Detrás del récord de molienda aparece un factor determinante: la oferta total de oleaginosas de la campaña 2024/25, que alcanzó las 73,69 millones de toneladas. De acuerdo con datos del Departamento de Agricultura de Estados Unidos (USDA) recopilados por la BCR, se trató del tercer registro más alto de la historia, una disponibilidad que resultó clave para abastecer a la industria y sostener el elevado nivel de actividad.

Este contexto de abundancia permitió que las plantas aceiteras absorbieran mayor volumen sin las restricciones observadas en campañas anteriores, cuando la falta de materia prima limitó la utilización de la capacidad instalada. La mejora en la oferta, combinada con una mayor fluidez logística, explicó buena parte del salto registrado en 2025.

Sin embargo, desde el sector advierten que el récord no elimina los desafíos estructurales. Si bien el nivel de actividad alcanzado marca un punto de inflexión, sostenerlo en el tiempo requerirá más producción local, mejoras continuas en la productividad y un marco de reglas de juego previsibles. Factores como las retenciones, la brecha cambiaria y la competitividad frente a Brasil y otros países de la región siguen siendo variables clave para la toma de decisiones de inversión.

El desempeño de 2025 también tuvo impacto en el frente externo. Una mayor molienda se traduce, en términos generales, en un mayor volumen de subproductos exportables, lo que refuerza el aporte del complejo oleaginoso a la generación de divisas. En un contexto macroeconómico desafiante, el funcionamiento a pleno de la industria aceitera aparece como un elemento central para el equilibrio del sector externo.

La reducción de la capacidad ociosa al nivel más bajo en 14 años fue otro de los indicadores destacados. Durante gran parte de la última década, la industria operó con altos márgenes de subutilización, producto de cosechas más ajustadas y de un escenario de menor previsibilidad. El dato de 2025 mostró que, con condiciones adecuadas de oferta, el entramado industrial puede responder rápidamente y recuperar niveles de actividad elevados.

Desde la Bolsa de Comercio de Rosario subrayaron que el potencial industrial del país permanece intacto, pero que el desafío es transformar un año excepcional en una estrategia de largo plazo. La consolidación del agro argentino como proveedor confiable de valor agregado al mundo dependerá de la capacidad de sostener volúmenes, diversificar cultivos y generar un entorno que incentive la inversión.

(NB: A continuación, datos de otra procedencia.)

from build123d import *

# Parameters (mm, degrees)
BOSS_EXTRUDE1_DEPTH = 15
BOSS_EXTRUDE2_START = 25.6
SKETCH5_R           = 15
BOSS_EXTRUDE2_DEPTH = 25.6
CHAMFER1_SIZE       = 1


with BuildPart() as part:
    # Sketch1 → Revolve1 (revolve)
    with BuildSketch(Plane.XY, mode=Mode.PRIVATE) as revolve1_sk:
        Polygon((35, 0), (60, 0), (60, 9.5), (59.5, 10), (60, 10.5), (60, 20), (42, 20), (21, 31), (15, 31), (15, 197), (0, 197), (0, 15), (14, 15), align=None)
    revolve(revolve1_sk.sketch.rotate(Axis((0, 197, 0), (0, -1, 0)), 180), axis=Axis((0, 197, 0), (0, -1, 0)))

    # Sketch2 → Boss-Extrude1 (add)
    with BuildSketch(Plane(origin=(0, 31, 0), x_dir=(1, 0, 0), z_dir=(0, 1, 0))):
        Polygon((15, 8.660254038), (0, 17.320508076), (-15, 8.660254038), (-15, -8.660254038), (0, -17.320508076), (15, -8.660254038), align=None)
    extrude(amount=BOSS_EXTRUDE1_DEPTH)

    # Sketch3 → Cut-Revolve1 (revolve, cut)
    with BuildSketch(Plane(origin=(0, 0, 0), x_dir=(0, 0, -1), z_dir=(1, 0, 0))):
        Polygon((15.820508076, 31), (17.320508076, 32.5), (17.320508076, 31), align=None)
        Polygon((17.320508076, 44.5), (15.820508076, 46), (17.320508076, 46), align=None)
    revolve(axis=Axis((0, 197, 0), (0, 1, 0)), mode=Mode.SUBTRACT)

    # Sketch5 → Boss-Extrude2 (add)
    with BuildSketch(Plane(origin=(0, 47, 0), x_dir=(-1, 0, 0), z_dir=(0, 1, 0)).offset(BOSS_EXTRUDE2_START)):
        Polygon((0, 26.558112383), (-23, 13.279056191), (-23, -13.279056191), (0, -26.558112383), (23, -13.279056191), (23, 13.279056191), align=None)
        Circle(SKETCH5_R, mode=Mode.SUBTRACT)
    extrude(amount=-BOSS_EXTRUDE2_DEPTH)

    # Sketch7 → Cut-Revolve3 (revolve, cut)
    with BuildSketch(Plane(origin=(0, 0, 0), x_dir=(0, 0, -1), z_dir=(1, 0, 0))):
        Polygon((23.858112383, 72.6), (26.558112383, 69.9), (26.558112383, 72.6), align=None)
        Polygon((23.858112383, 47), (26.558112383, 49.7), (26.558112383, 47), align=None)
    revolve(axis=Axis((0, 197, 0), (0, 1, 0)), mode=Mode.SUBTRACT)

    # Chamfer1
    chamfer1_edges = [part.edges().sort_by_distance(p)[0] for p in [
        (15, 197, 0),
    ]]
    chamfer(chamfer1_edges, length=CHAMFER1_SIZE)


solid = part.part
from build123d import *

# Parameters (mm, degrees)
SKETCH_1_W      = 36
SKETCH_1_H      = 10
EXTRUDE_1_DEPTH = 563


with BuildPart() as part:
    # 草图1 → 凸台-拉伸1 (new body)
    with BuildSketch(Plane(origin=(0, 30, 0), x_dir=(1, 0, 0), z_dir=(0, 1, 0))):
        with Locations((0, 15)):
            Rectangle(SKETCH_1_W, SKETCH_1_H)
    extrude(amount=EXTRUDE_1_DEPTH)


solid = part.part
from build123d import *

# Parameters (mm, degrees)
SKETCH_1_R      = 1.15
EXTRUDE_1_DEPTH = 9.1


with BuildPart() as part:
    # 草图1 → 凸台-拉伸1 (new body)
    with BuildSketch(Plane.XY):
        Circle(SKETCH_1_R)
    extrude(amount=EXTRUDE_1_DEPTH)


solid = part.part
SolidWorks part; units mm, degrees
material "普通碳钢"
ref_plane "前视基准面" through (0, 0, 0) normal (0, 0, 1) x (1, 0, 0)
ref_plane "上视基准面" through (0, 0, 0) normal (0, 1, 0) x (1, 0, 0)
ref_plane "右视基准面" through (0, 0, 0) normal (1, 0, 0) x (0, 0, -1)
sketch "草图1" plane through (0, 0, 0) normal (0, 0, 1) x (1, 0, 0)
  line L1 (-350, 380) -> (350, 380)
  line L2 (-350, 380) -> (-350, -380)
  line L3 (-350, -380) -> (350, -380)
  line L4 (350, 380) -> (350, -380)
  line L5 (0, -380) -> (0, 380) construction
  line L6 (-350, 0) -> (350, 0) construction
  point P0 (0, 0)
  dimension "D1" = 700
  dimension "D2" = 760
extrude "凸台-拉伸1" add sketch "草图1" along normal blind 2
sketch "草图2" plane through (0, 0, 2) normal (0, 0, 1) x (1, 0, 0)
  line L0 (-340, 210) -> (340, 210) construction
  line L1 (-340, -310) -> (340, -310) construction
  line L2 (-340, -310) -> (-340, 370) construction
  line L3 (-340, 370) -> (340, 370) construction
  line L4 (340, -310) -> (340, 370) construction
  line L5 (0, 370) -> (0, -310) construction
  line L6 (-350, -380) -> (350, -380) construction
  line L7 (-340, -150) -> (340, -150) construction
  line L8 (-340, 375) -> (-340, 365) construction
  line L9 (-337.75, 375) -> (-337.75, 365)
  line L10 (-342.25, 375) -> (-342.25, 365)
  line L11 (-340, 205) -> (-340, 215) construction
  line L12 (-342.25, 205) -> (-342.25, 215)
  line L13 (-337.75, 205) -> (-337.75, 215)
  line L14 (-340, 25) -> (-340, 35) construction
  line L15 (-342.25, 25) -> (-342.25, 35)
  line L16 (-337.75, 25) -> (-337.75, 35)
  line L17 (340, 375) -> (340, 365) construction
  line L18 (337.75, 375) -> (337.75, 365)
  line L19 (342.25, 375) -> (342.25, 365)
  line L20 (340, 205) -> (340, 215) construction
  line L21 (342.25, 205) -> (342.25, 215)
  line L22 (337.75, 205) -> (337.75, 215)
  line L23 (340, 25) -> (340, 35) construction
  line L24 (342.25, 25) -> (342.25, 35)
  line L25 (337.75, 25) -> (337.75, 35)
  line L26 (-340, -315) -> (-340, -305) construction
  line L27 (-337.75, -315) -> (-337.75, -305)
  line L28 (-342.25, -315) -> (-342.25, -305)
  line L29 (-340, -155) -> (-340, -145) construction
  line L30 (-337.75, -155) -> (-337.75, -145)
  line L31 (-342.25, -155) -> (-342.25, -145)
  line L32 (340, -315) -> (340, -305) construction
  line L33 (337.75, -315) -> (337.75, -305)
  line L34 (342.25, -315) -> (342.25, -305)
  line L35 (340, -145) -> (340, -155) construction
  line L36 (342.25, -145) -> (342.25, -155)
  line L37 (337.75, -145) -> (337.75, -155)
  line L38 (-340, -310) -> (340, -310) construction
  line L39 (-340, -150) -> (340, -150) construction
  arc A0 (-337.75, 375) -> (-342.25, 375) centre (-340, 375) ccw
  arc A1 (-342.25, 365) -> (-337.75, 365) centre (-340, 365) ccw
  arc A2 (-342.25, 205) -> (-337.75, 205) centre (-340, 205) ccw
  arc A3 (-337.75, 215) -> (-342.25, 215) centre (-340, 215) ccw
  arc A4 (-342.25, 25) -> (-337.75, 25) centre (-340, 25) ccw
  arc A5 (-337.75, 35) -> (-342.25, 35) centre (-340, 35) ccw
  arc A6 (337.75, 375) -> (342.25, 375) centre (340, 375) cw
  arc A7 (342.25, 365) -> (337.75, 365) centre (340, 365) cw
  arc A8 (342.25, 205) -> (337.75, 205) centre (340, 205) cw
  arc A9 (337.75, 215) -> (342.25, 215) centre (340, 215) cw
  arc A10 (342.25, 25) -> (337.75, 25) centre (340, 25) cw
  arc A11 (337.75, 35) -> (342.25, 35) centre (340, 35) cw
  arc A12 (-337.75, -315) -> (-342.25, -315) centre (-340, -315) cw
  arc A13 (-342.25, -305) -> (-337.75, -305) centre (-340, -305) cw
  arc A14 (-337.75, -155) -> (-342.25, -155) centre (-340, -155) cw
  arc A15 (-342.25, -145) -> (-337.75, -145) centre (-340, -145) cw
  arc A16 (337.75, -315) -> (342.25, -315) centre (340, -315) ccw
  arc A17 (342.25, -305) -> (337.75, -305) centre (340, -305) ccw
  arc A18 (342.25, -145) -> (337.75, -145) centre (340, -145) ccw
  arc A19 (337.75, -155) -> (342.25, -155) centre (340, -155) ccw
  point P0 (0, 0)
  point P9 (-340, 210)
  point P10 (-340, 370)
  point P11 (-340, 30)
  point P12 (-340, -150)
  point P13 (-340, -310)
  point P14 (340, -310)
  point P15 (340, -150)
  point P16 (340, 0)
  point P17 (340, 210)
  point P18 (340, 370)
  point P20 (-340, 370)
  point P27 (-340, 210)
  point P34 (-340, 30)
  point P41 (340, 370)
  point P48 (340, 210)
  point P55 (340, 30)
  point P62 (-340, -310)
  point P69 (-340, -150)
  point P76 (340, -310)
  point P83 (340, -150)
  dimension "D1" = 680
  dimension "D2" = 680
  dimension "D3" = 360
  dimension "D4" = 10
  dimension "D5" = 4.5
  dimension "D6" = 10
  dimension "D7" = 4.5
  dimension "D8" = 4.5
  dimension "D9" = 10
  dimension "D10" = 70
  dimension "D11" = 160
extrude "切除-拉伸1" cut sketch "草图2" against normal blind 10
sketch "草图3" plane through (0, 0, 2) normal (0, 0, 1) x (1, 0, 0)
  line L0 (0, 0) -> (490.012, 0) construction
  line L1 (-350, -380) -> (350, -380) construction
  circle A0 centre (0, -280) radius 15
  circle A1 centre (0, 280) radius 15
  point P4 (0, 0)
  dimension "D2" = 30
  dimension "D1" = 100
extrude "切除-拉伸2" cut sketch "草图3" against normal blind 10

El récord de molienda de 2025 dejó, así, un doble mensaje. Por un lado, confirmó la capacidad de respuesta de la industria aceitera frente a una mayor disponibilidad de materia prima. Por otro, puso en evidencia que el aprovechamiento pleno de esa capacidad requiere condiciones estables y políticas que acompañen el desarrollo del sector. Convertir este máximo histórico en una tendencia será el próximo gran desafío del agroindustrial argentino.